Wednesday 6 December 2017

Assessing the gearbox

Photos by Rob Bishop
  
This is the story of the gearbox so far; it is like the rest of the project a mix of good and bad news.


45 years after it was taken out of use the interior of the gearbox is a beautiful thing, and once the bell cranks which operate the selector have been freed off, it performs beautifully.
How it works is very simple. It is a two speed box, with both speeds being available in forwards & reverse. The drive from the engine comes in on a bevel gear behind the forward/reverse selector. This meshes with one of the two bevel gears on the upper shaft. The upper shaft is splined, so depending on which direction is selected the upper shaft rotates either clockwise or anticlockwise. 
Also on the upper shaft are two chain wheels. The larger one on the left in the photo is for top gear, while the smaller wheel on the right is the low speed gear. Both wheels & chains are rotated by the upper shaft.
The lower chain wheels are mounted on roller bearings which rotate around the lower shaft.

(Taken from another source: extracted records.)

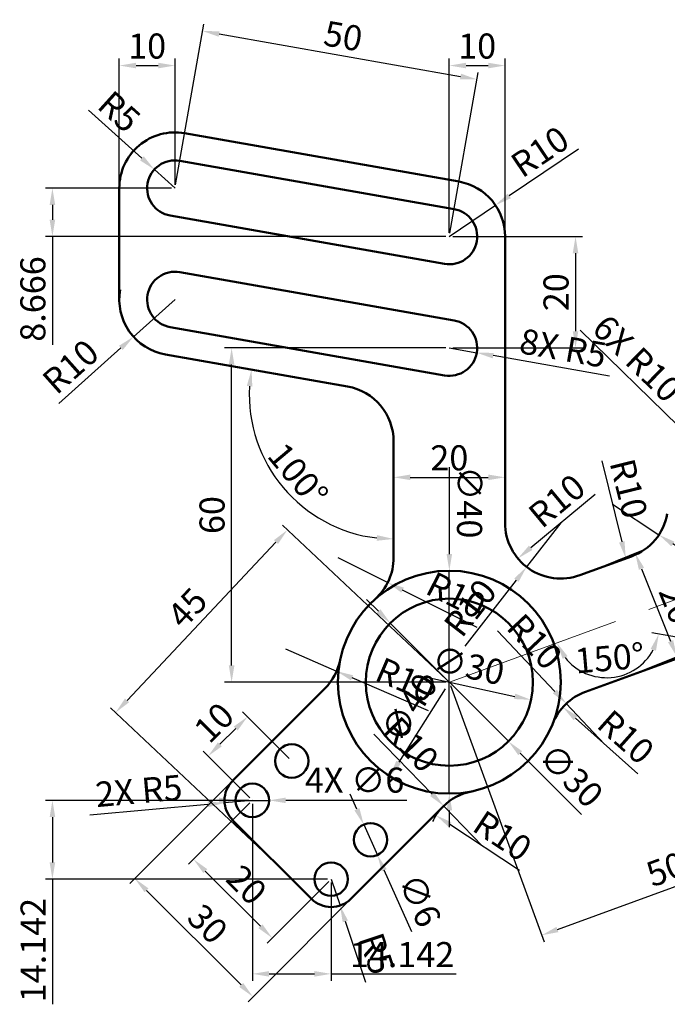
# Model space of a CAD drawing. Units: millimetres. Extents: x 54 to 254, y 16 to 193.
# Tile 1 of 2: x 54 to 170, y 16 to 193. Entities that reach past the tile are written whole.
import ezdxf

# ---------------------------------------------------------------- set-up
doc = ezdxf.new("R2010")
doc.units = ezdxf.units.MM
doc.linetypes.add('CENTER', pattern=[50.8, 31.75, -6.35, 6.35, -6.35])
for name, color, linetype, lineweight in [('M-CNTR', 1, 'CENTER', 18), ('M-DIMS', 2, 'Continuous', 25), ('M-OUTL', 7, 'Continuous', 50)]:
    doc.layers.add(name, color=color, linetype=linetype, lineweight=lineweight)
doc.styles.get("Standard").update_dxf_attribs({"font": 'arial.ttf'})
doc.dimstyles.new('ISO-25', dxfattribs={"dimtxt": 4.5, "dimasz": 3, "dimexe": 1.25, "dimexo": 0.625, "dimtad": 1, "dimdec": 0, "dimtxsty": 'Standard', "dimcen": 2.5, "dimadec": 0, "dimazin": 0, "dimtfac": 1, "dimtdec": 0, "dimtmove": 0, "dimatfit": 3, "dimfxl": 1, "dimarcsym": 0})

# ---------------------------------------------------------------- blocks, each defined once
blk = doc.blocks.new('*D1')
at = {"layer": 'Defpoints', "color": 0, "transparency": 16777216}
for p in [(136.17, 181.85), (81.97, 162.32), (131.21, 153.65)]:
    blk.add_point(p, dxfattribs=at)
at = {"layer": 'M-DIMS', "color": 0, "lineweight": -2, "transparency": 16777216}
for p, q in [((82.08, 162.94), (87.15, 191.75)), ((89.88, 190), (133.22, 182.37)), ((131.32, 154.27), (136.39, 183.08))]:
    blk.add_line(p, q, dxfattribs=at)
at = {"layer": 'M-DIMS', "color": 0, "transparency": 16777216}
for points in [[(89.97, 190.49), (89.8, 189.51), (86.93, 190.52)], [(133.31, 182.87), (133.13, 181.88), (136.17, 181.85)]]:
    blk.add_solid(points, dxfattribs=at)
at = {"layer": 'M-DIMS', "color": 0, "transparency": 16777216, "insert": (112.06, 189.06), "char_height": 4.5, "attachment_point": 5, "rotation": 350.0194}
blk.add_mtext('50', dxfattribs=at)
blk = doc.blocks.new('*D3')
at = {"layer": 'Defpoints', "color": 0, "transparency": 16777216}
for p in [(131.21, 153.65), (131.21, 133.65), (153.86, 133.65)]:
    blk.add_point(p, dxfattribs=at)
at = {"layer": 'M-DIMS', "color": 0, "lineweight": -2, "transparency": 16777216}
for p, q in [((131.84, 153.65), (155.11, 153.65)), ((153.86, 150.65), (153.86, 136.65)), ((131.84, 133.65), (155.11, 133.65))]:
    blk.add_line(p, q, dxfattribs=at)
at = {"layer": 'M-DIMS', "color": 0, "transparency": 16777216}
for points in [[(153.36, 150.65), (154.36, 150.65), (153.86, 153.65)], [(153.36, 136.65), (154.36, 136.65), (153.86, 133.65)]]:
    blk.add_solid(points, dxfattribs=at)
at = {"layer": 'M-DIMS', "color": 0, "transparency": 16777216, "insert": (150.94, 143.65), "char_height": 4.5, "attachment_point": 5, "rotation": 90}
blk.add_mtext('20', dxfattribs=at)
blk = doc.blocks.new('*D4')
at = {"layer": 'Defpoints', "color": 0, "transparency": 16777216}
for p in [(131.21, 73.65), (71.3, 68.2), (100.36, 40.86)]:
    blk.add_point(p, dxfattribs=at)
at = {"layer": 'M-DIMS', "color": 0, "lineweight": -2, "transparency": 16777216}
for p, q in [((130.76, 74.08), (101.24, 101.85)), ((100.09, 98.81), (73.36, 70.38)), ((99.91, 41.29), (70.39, 69.05))]:
    blk.add_line(p, q, dxfattribs=at)
at = {"layer": 'M-DIMS', "color": 0, "transparency": 16777216}
for points in [[(99.73, 99.15), (100.46, 98.46), (102.15, 100.99)], [(72.99, 70.73), (73.72, 70.04), (71.3, 68.2)]]:
    blk.add_solid(points, dxfattribs=at)
at = {"layer": 'M-DIMS', "color": 0, "transparency": 16777216, "insert": (84.6, 86.59), "char_height": 4.5, "attachment_point": 5, "rotation": 46.7521}
blk.add_mtext('45', dxfattribs=at)
blk = doc.blocks.new('*D5')
at = {"layer": 'Defpoints', "color": 0, "transparency": 16777216}
for p in [(94.98, 67.45), (102.93, 59.51), (95.86, 52.44)]:
    blk.add_point(p, dxfattribs=at)
at = {"layer": 'M-DIMS', "color": 0, "lineweight": -2, "transparency": 16777216}
for p, q in [((102.48, 59.95), (94.1, 68.34)), ((90.03, 62.5), (92.86, 65.33)), ((95.41, 52.88), (87.03, 61.27))]:
    blk.add_line(p, q, dxfattribs=at)
at = {"layer": 'M-DIMS', "color": 0, "transparency": 16777216}
for points in [[(92.51, 65.69), (93.22, 64.98), (94.98, 67.45)], [(89.68, 62.86), (90.39, 62.15), (87.91, 60.38)]]:
    blk.add_solid(points, dxfattribs=at)
at = {"layer": 'M-DIMS', "color": 0, "transparency": 16777216, "insert": (89.38, 65.99), "char_height": 4.5, "attachment_point": 5, "rotation": 45}
blk.add_mtext('10', dxfattribs=at)
blk = doc.blocks.new('*D6')
at = {"layer": 'Defpoints', "color": 0, "transparency": 16777216}
for p in [(95.86, 52.44), (85.29, 41.87), (110, 38.3)]:
    blk.add_point(p, dxfattribs=at)
at = {"layer": 'M-DIMS', "color": 0, "lineweight": -2, "transparency": 16777216}
for p, q in [((95.41, 52), (84.4, 40.99)), ((97.31, 29.85), (87.41, 39.75)), ((109.56, 37.86), (98.54, 26.84))]:
    blk.add_line(p, q, dxfattribs=at)
at = {"layer": 'M-DIMS', "color": 0, "transparency": 16777216}
for points in [[(87.76, 40.1), (87.05, 39.4), (85.29, 41.87)], [(97.66, 30.2), (96.95, 29.5), (99.43, 27.73)]]:
    blk.add_solid(points, dxfattribs=at)
at = {"layer": 'M-DIMS', "color": 0, "transparency": 16777216, "insert": (94.42, 36.87), "char_height": 4.5, "attachment_point": 5, "rotation": 315}
blk.add_mtext('20', dxfattribs=at)
blk = doc.blocks.new('*D7')
at = {"layer": 'Defpoints', "color": 0, "transparency": 16777216}
for p in [(95.64, 59.29), (116.85, 38.08), (95.96, 17.19)]:
    blk.add_point(p, dxfattribs=at)
at = {"layer": 'M-DIMS', "color": 0, "lineweight": -2, "transparency": 16777216}
for p, q in [((95.2, 58.85), (73.87, 37.52)), ((116.41, 37.64), (95.08, 16.31)), ((76.87, 36.28), (93.84, 19.31))]:
    blk.add_line(p, q, dxfattribs=at)
at = {"layer": 'M-DIMS', "color": 0, "transparency": 16777216}
for points in [[(77.22, 36.64), (76.52, 35.93), (74.75, 38.41)], [(94.2, 19.67), (93.49, 18.96), (95.96, 17.19)]]:
    blk.add_solid(points, dxfattribs=at)
at = {"layer": 'M-DIMS', "color": 0, "transparency": 16777216, "insert": (87.42, 29.87), "char_height": 4.5, "attachment_point": 5, "rotation": 315}
blk.add_mtext('30', dxfattribs=at)
blk = doc.blocks.new('*D8')
at = {"layer": 'Defpoints', "color": 0, "transparency": 16777216}
for p in [(115.84, 48.11), (118.3, 42.63)]:
    blk.add_point(p, dxfattribs=at)
at = {"layer": 'M-DIMS', "color": 0, "lineweight": -2, "transparency": 16777216}
for p, q in [((114.61, 50.84), (113.39, 53.58)), ((115.84, 48.11), (118.3, 42.63)), ((124.47, 28.86), (119.52, 39.89))]:
    blk.add_line(p, q, dxfattribs=at)
at = {"layer": 'M-DIMS', "color": 0, "transparency": 16777216}
for points in [[(115.07, 51.05), (114.16, 50.64), (115.84, 48.11)], [(119.98, 40.1), (119.07, 39.69), (118.3, 42.63)]]:
    blk.add_solid(points, dxfattribs=at)
at = {"layer": 'M-DIMS', "color": 0, "transparency": 16777216, "insert": (125.39, 34.26), "char_height": 4.5, "attachment_point": 5, "rotation": 294.1535}
blk.add_mtext('∅6', dxfattribs=at)
blk = doc.blocks.new('*D9')
at = {"layer": 'Defpoints', "color": 0, "transparency": 16777216}
for p in [(110, 38.3), (111.59, 33.56)]:
    blk.add_point(p, dxfattribs=at)
at = {"layer": 'M-DIMS', "color": 0, "lineweight": -2, "transparency": 16777216}
for p, q in [((110, 38.3), (111.59, 33.56)), ((116.22, 19.78), (112.55, 30.72))]:
    blk.add_line(p, q, dxfattribs=at)
at = {"layer": 'M-DIMS', "color": 0, "transparency": 16777216}
blk.add_solid([(113.02, 30.87), (112.07, 30.56), (111.59, 33.56)], dxfattribs=at)
at = {"layer": 'M-DIMS', "color": 0, "transparency": 16777216, "insert": (117.63, 24.75), "char_height": 4.5, "attachment_point": 5, "rotation": 288.5828}
blk.add_mtext('R5', dxfattribs=at)
blk = doc.blocks.new('*D10')
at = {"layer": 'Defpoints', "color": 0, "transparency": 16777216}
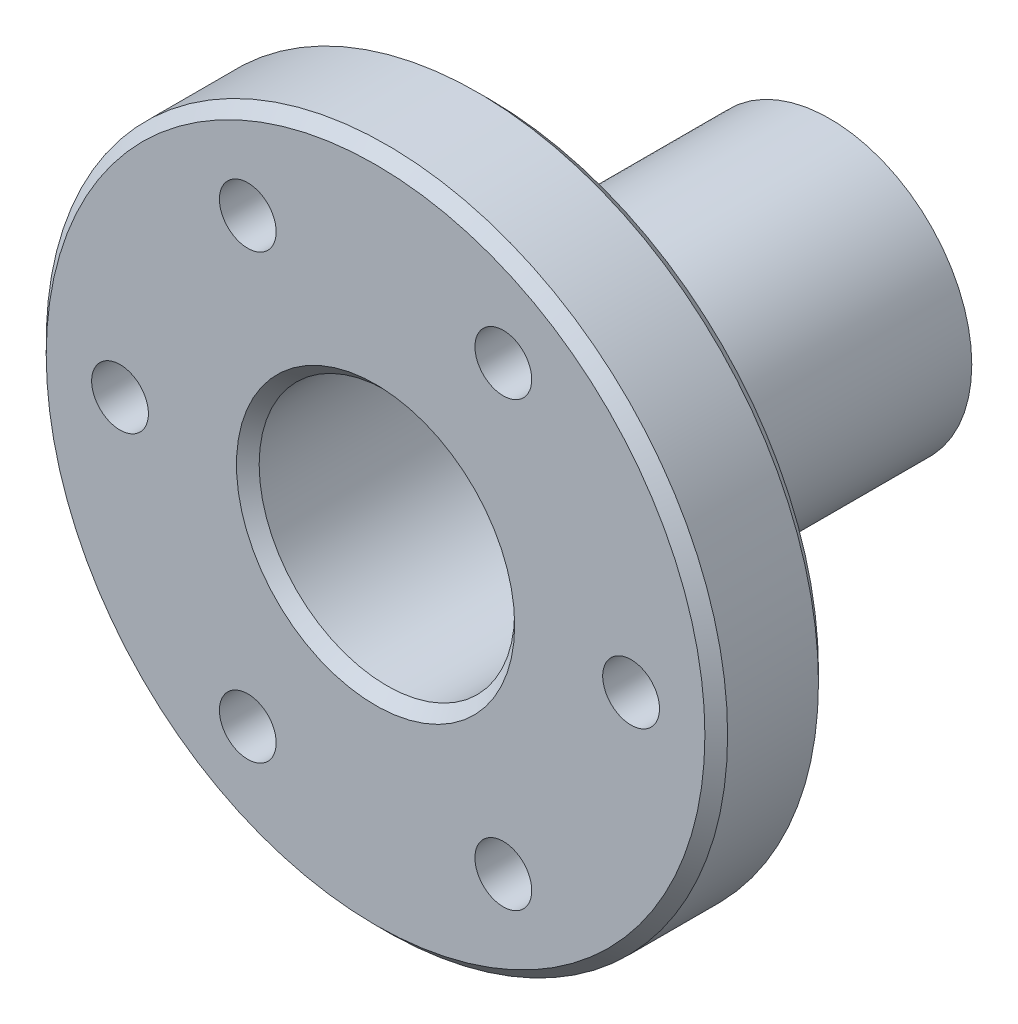
ISO-10303-21;
HEADER;
FILE_DESCRIPTION(('STEP AP214'),'2;1');
FILE_NAME('part.step','',(''),(''),'','','');
FILE_SCHEMA(('AUTOMOTIVE_DESIGN { 1 0 10303 214 1 1 1 1 }'));
ENDSEC;
DATA;
#1=APPLICATION_CONTEXT('core data for automotive mechanical design processes');
#2=APPLICATION_PROTOCOL_DEFINITION('international standard','automotive_design',2000,#1);
#3=PRODUCT_CONTEXT('',#1,'mechanical');
#4=PRODUCT('Part','Part','',(#3));
#5=PRODUCT_RELATED_PRODUCT_CATEGORY('part','',(#4));
#6=PRODUCT_DEFINITION_FORMATION('','',#4);
#7=PRODUCT_DEFINITION_CONTEXT('part definition',#1,'design');
#8=PRODUCT_DEFINITION('design','',#6,#7);
#9=PRODUCT_DEFINITION_SHAPE('','',#8);
#10=(LENGTH_UNIT() NAMED_UNIT(*) SI_UNIT(.MILLI.,.METRE.));
#11=(NAMED_UNIT(*) PLANE_ANGLE_UNIT() SI_UNIT($,.RADIAN.));
#12=(NAMED_UNIT(*) SI_UNIT($,.STERADIAN.) SOLID_ANGLE_UNIT());
#13=UNCERTAINTY_MEASURE_WITH_UNIT(LENGTH_MEASURE(1.E-05),#10,'distance_accuracy_value','');
#14=(GEOMETRIC_REPRESENTATION_CONTEXT(3) GLOBAL_UNCERTAINTY_ASSIGNED_CONTEXT((#13)) GLOBAL_UNIT_ASSIGNED_CONTEXT((#10,
#11,#12)) REPRESENTATION_CONTEXT('',''));
#15=CARTESIAN_POINT('',(0.,0.,0.));
#16=DIRECTION('',(0.,0.,1.));
#17=DIRECTION('',(1.,0.,0.));
#18=AXIS2_PLACEMENT_3D('',#15,#16,#17);
#19=CARTESIAN_POINT('',(0.,0.,20.));
#20=DIRECTION('',(0.,0.,1.));
#21=DIRECTION('',(1.,0.,0.));
#22=AXIS2_PLACEMENT_3D('',#19,#20,#21);
#23=PLANE('',#22);
#24=CARTESIAN_POINT('',(0.,0.,20.));
#25=DIRECTION('',(0.,0.,1.));
#26=DIRECTION('',(1.,0.,0.));
#27=AXIS2_PLACEMENT_3D('',#24,#25,#26);
#28=CIRCLE('',#27,58.);
#29=CARTESIAN_POINT('',(58.,0.,20.));
#30=VERTEX_POINT('',#29);
#31=EDGE_CURVE('E10',#30,#30,#28,.T.);
#32=ORIENTED_EDGE('',*,*,#31,.T.);
#33=EDGE_LOOP('',(#32));
#34=FACE_BOUND('',#33,.T.);
#35=CARTESIAN_POINT('',(0.,0.,20.));
#36=DIRECTION('',(0.,0.,1.));
#37=DIRECTION('',(1.,0.,0.));
#38=AXIS2_PLACEMENT_3D('',#35,#36,#37);
#39=CIRCLE('',#38,24.5);
#40=CARTESIAN_POINT('',(24.5,0.,20.));
#41=VERTEX_POINT('',#40);
#42=EDGE_CURVE('E50',#41,#41,#39,.F.);
#43=ORIENTED_EDGE('',*,*,#42,.T.);
#44=EDGE_LOOP('',(#43));
#45=FACE_BOUND('',#44,.T.);
#46=CARTESIAN_POINT('',(-22.4999999999996,38.9711431703,20.));
#47=DIRECTION('',(0.,0.,1.));
#48=DIRECTION('',(1.,0.,0.));
#49=AXIS2_PLACEMENT_3D('',#46,#47,#48);
#50=CIRCLE('',#49,4.99999999999999);
#51=CARTESIAN_POINT('',(-17.4999999999997,38.9711431703,20.));
#52=VERTEX_POINT('',#51);
#53=EDGE_CURVE('E99',#52,#52,#50,.T.);
#54=ORIENTED_EDGE('',*,*,#53,.F.);
#55=EDGE_LOOP('',(#54));
#56=FACE_BOUND('',#55,.T.);
#57=CARTESIAN_POINT('',(-22.5000000000002,-38.9711431702996,20.));
#58=DIRECTION('',(0.,0.,1.));
#59=DIRECTION('',(1.,0.,0.));
#60=AXIS2_PLACEMENT_3D('',#57,#58,#59);
#61=CIRCLE('',#60,5.);
#62=CARTESIAN_POINT('',(-17.5000000000002,-38.9711431702996,20.));
#63=VERTEX_POINT('',#62);
#64=EDGE_CURVE('E86',#63,#63,#61,.T.);
#65=ORIENTED_EDGE('',*,*,#64,.F.);
#66=EDGE_LOOP('',(#65));
#67=FACE_BOUND('',#66,.T.);
#68=CARTESIAN_POINT('',(45.,0.,20.));
#69=DIRECTION('',(0.,0.,1.));
#70=DIRECTION('',(1.,0.,0.));
#71=AXIS2_PLACEMENT_3D('',#68,#69,#70);
#72=CIRCLE('',#71,5.);
#73=CARTESIAN_POINT('',(50.,0.,20.));
#74=VERTEX_POINT('',#73);
#75=EDGE_CURVE('E76',#74,#74,#72,.T.);
#76=ORIENTED_EDGE('',*,*,#75,.F.);
#77=EDGE_LOOP('',(#76));
#78=FACE_BOUND('',#77,.T.);
#79=CARTESIAN_POINT('',(22.5,-38.9711431702991,20.));
#80=DIRECTION('',(0.,0.,1.));
#81=DIRECTION('',(1.,0.,0.));
#82=AXIS2_PLACEMENT_3D('',#79,#80,#81);
#83=CIRCLE('',#82,5.00000000000042);
#84=CARTESIAN_POINT('',(27.5000000000004,-38.9711431702991,20.));
#85=VERTEX_POINT('',#84);
#86=EDGE_CURVE('E85',#85,#85,#83,.T.);
#87=ORIENTED_EDGE('',*,*,#86,.F.);
#88=EDGE_LOOP('',(#87));
#89=FACE_BOUND('',#88,.T.);
#90=CARTESIAN_POINT('',(-45.,3.14233320495882E-13,20.));
#91=DIRECTION('',(0.,0.,1.));
#92=DIRECTION('',(1.,0.,0.));
#93=AXIS2_PLACEMENT_3D('',#90,#91,#92);
#94=CIRCLE('',#93,4.99999999999999);
#95=CARTESIAN_POINT('',(-40.,3.14233320495882E-13,20.));
#96=VERTEX_POINT('',#95);
#97=EDGE_CURVE('E92',#96,#96,#94,.T.);
#98=ORIENTED_EDGE('',*,*,#97,.F.);
#99=EDGE_LOOP('',(#98));
#100=FACE_BOUND('',#99,.T.);
#101=CARTESIAN_POINT('',(22.5000000000005,38.9711431702995,20.));
#102=DIRECTION('',(0.,0.,1.));
#103=DIRECTION('',(1.,0.,0.));
#104=AXIS2_PLACEMENT_3D('',#101,#102,#103);
#105=CIRCLE('',#104,5.);
#106=CARTESIAN_POINT('',(27.5000000000005,38.9711431702995,20.));
#107=VERTEX_POINT('',#106);
#108=EDGE_CURVE('E106',#107,#107,#105,.T.);
#109=ORIENTED_EDGE('',*,*,#108,.F.);
#110=EDGE_LOOP('',(#109));
#111=FACE_BOUND('',#110,.T.);
#112=ADVANCED_FACE('F39',(#34,#45,#56,#67,#78,#89,#100,#111),#23,.T.);
#113=CARTESIAN_POINT('',(0.,0.,0.));
#114=DIRECTION('',(0.,0.,1.));
#115=DIRECTION('',(1.,0.,0.));
#116=AXIS2_PLACEMENT_3D('',#113,#114,#115);
#117=PLANE('',#116);
#118=CARTESIAN_POINT('',(0.,0.,0.));
#119=DIRECTION('',(0.,0.,1.));
#120=DIRECTION('',(1.,0.,0.));
#121=AXIS2_PLACEMENT_3D('',#118,#119,#120);
#122=CIRCLE('',#121,58.);
#123=CARTESIAN_POINT('',(58.,0.,0.));
#124=VERTEX_POINT('',#123);
#125=EDGE_CURVE('E64',#124,#124,#122,.F.);
#126=ORIENTED_EDGE('',*,*,#125,.T.);
#127=EDGE_LOOP('',(#126));
#128=FACE_BOUND('',#127,.T.);
#129=CARTESIAN_POINT('',(0.,0.,0.));
#130=DIRECTION('',(0.,0.,1.));
#131=DIRECTION('',(1.,0.,0.));
#132=AXIS2_PLACEMENT_3D('',#129,#130,#131);
#133=CIRCLE('',#132,28.);
#134=CARTESIAN_POINT('',(28.,0.,0.));
#135=VERTEX_POINT('',#134);
#136=EDGE_CURVE('E75',#135,#135,#133,.T.);
#137=ORIENTED_EDGE('',*,*,#136,.T.);
#138=EDGE_LOOP('',(#137));
#139=FACE_BOUND('',#138,.T.);
#140=CARTESIAN_POINT('',(45.,0.,0.));
#141=DIRECTION('',(0.,0.,1.));
#142=DIRECTION('',(1.,0.,0.));
#143=AXIS2_PLACEMENT_3D('',#140,#141,#142);
#144=CIRCLE('',#143,5.);
#145=CARTESIAN_POINT('',(50.,0.,0.));
#146=VERTEX_POINT('',#145);
#147=EDGE_CURVE('E79',#146,#146,#144,.T.);
#148=ORIENTED_EDGE('',*,*,#147,.T.);
#149=EDGE_LOOP('',(#148));
#150=FACE_BOUND('',#149,.T.);
#151=CARTESIAN_POINT('',(22.5,-38.9711431702991,0.));
#152=DIRECTION('',(0.,0.,1.));
#153=DIRECTION('',(1.,0.,0.));
#154=AXIS2_PLACEMENT_3D('',#151,#152,#153);
#155=CIRCLE('',#154,5.00000000000042);
#156=CARTESIAN_POINT('',(27.5000000000004,-38.9711431702991,0.));
#157=VERTEX_POINT('',#156);
#158=EDGE_CURVE('E83',#157,#157,#155,.T.);
#159=ORIENTED_EDGE('',*,*,#158,.T.);
#160=EDGE_LOOP('',(#159));
#161=FACE_BOUND('',#160,.T.);
#162=CARTESIAN_POINT('',(-22.5000000000002,-38.9711431702996,0.));
#163=DIRECTION('',(0.,0.,1.));
#164=DIRECTION('',(1.,0.,0.));
#165=AXIS2_PLACEMENT_3D('',#162,#163,#164);
#166=CIRCLE('',#165,5.);
#167=CARTESIAN_POINT('',(-17.5000000000002,-38.9711431702996,0.));
#168=VERTEX_POINT('',#167);
#169=EDGE_CURVE('E93',#168,#168,#166,.T.);
#170=ORIENTED_EDGE('',*,*,#169,.T.);
#171=EDGE_LOOP('',(#170));
#172=FACE_BOUND('',#171,.T.);
#173=CARTESIAN_POINT('',(-45.,3.14233320495882E-13,0.));
#174=DIRECTION('',(0.,0.,1.));
#175=DIRECTION('',(1.,0.,0.));
#176=AXIS2_PLACEMENT_3D('',#173,#174,#175);
#177=CIRCLE('',#176,4.99999999999999);
#178=CARTESIAN_POINT('',(-40.,3.14233320495882E-13,0.));
#179=VERTEX_POINT('',#178);
#180=EDGE_CURVE('E97',#179,#179,#177,.T.);
#181=ORIENTED_EDGE('',*,*,#180,.T.);
#182=EDGE_LOOP('',(#181));
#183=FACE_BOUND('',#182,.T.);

The central section of the shaft is splined, and drives a small external pinion which engages with the large gear wheel on the lay shaft. 
The drive from the high/low chain wheels to the splined shaft is via dog clutches, operated by the high/low selector.  




The photo below shows the high ratio gear, with the chain removed. The dog clutch is engaged and the chain wheel is driving the output shaft. The use of a dog clutch to change speed on the move is very crude and it accounts for a lot of the problems which exist and also places some of the historic stories into context. In a wonderful first-hand account published in FRM26 Bill Willans, who accompanied the loco on a lot of the trials states ‘On one occasion we broke some slates; she took a little care to start a train gently. On another occasion a drawbar was broken…’ 

It is easy to see why such things may occur. There are 2 ways to get a dog clutch to engage while the loco is moving; you can either be brutal or gentle. If you are brutal it may cause a snatch, if you are gentle the train can lose momentum, the couplings on a loose coupled train relax and when you let the clutch out, you can cause a snatch, particularly if the train has lost a lot of speed. It a nutshell it is never going to be good.



One of Bill Willans' other little snippets suggests that the brutal gear change was the order of the day. He recalls a failure when the loco was running on the FR, ‘the bell crank that operated the first gear fractured. The Glaslyn Foundry forged a replacement and a beautiful job they made of it’. To engage that gear, there must be a need to use quite a bit of force!


This is the bell crank for the high/ low gear selector. It is the component replaced by Glaslyn Foundry. Is this ‘the beautiful job’ or did it need replacing on a regular basis throughout its career?

The rather harsh gear change also accounts for the damage to the saddles which mount the gearbox on the lay shaft; when you engage gear, the forces on the pinion drive to the layshaft will place the saddles in tension. As these are part of a casting and cast iron does not behave well under tension, these forces have resulted in failure. The photo below shows the saddle in situ on the lay shaft, with the missing chunk being all too evident.




The gear box has been temporarily placed back in the frames to enable the team to measure up clearances and devise a solution. The previous repair option, brazing the saddle back on has been discounted, and we have reservations about a cast iron welding repair as the shock loadings which have caused the damage will reoccur once the loco is running again.
When we took the loco to pieces, the function of a couple of short little stays between the gearbox and the loco frames where not apparent. Their role became all too apparent in the trial run; these stays are an attempt to increase the degree of security between the gearbox and the frames. One of the stays can be seen on the gear box to the right side of the pinion.



Current thoughts on a repair are to form two large brackets which pick up from the annular row of bolts on the gear box end cover and to bolt these brackets to the frame stretchers.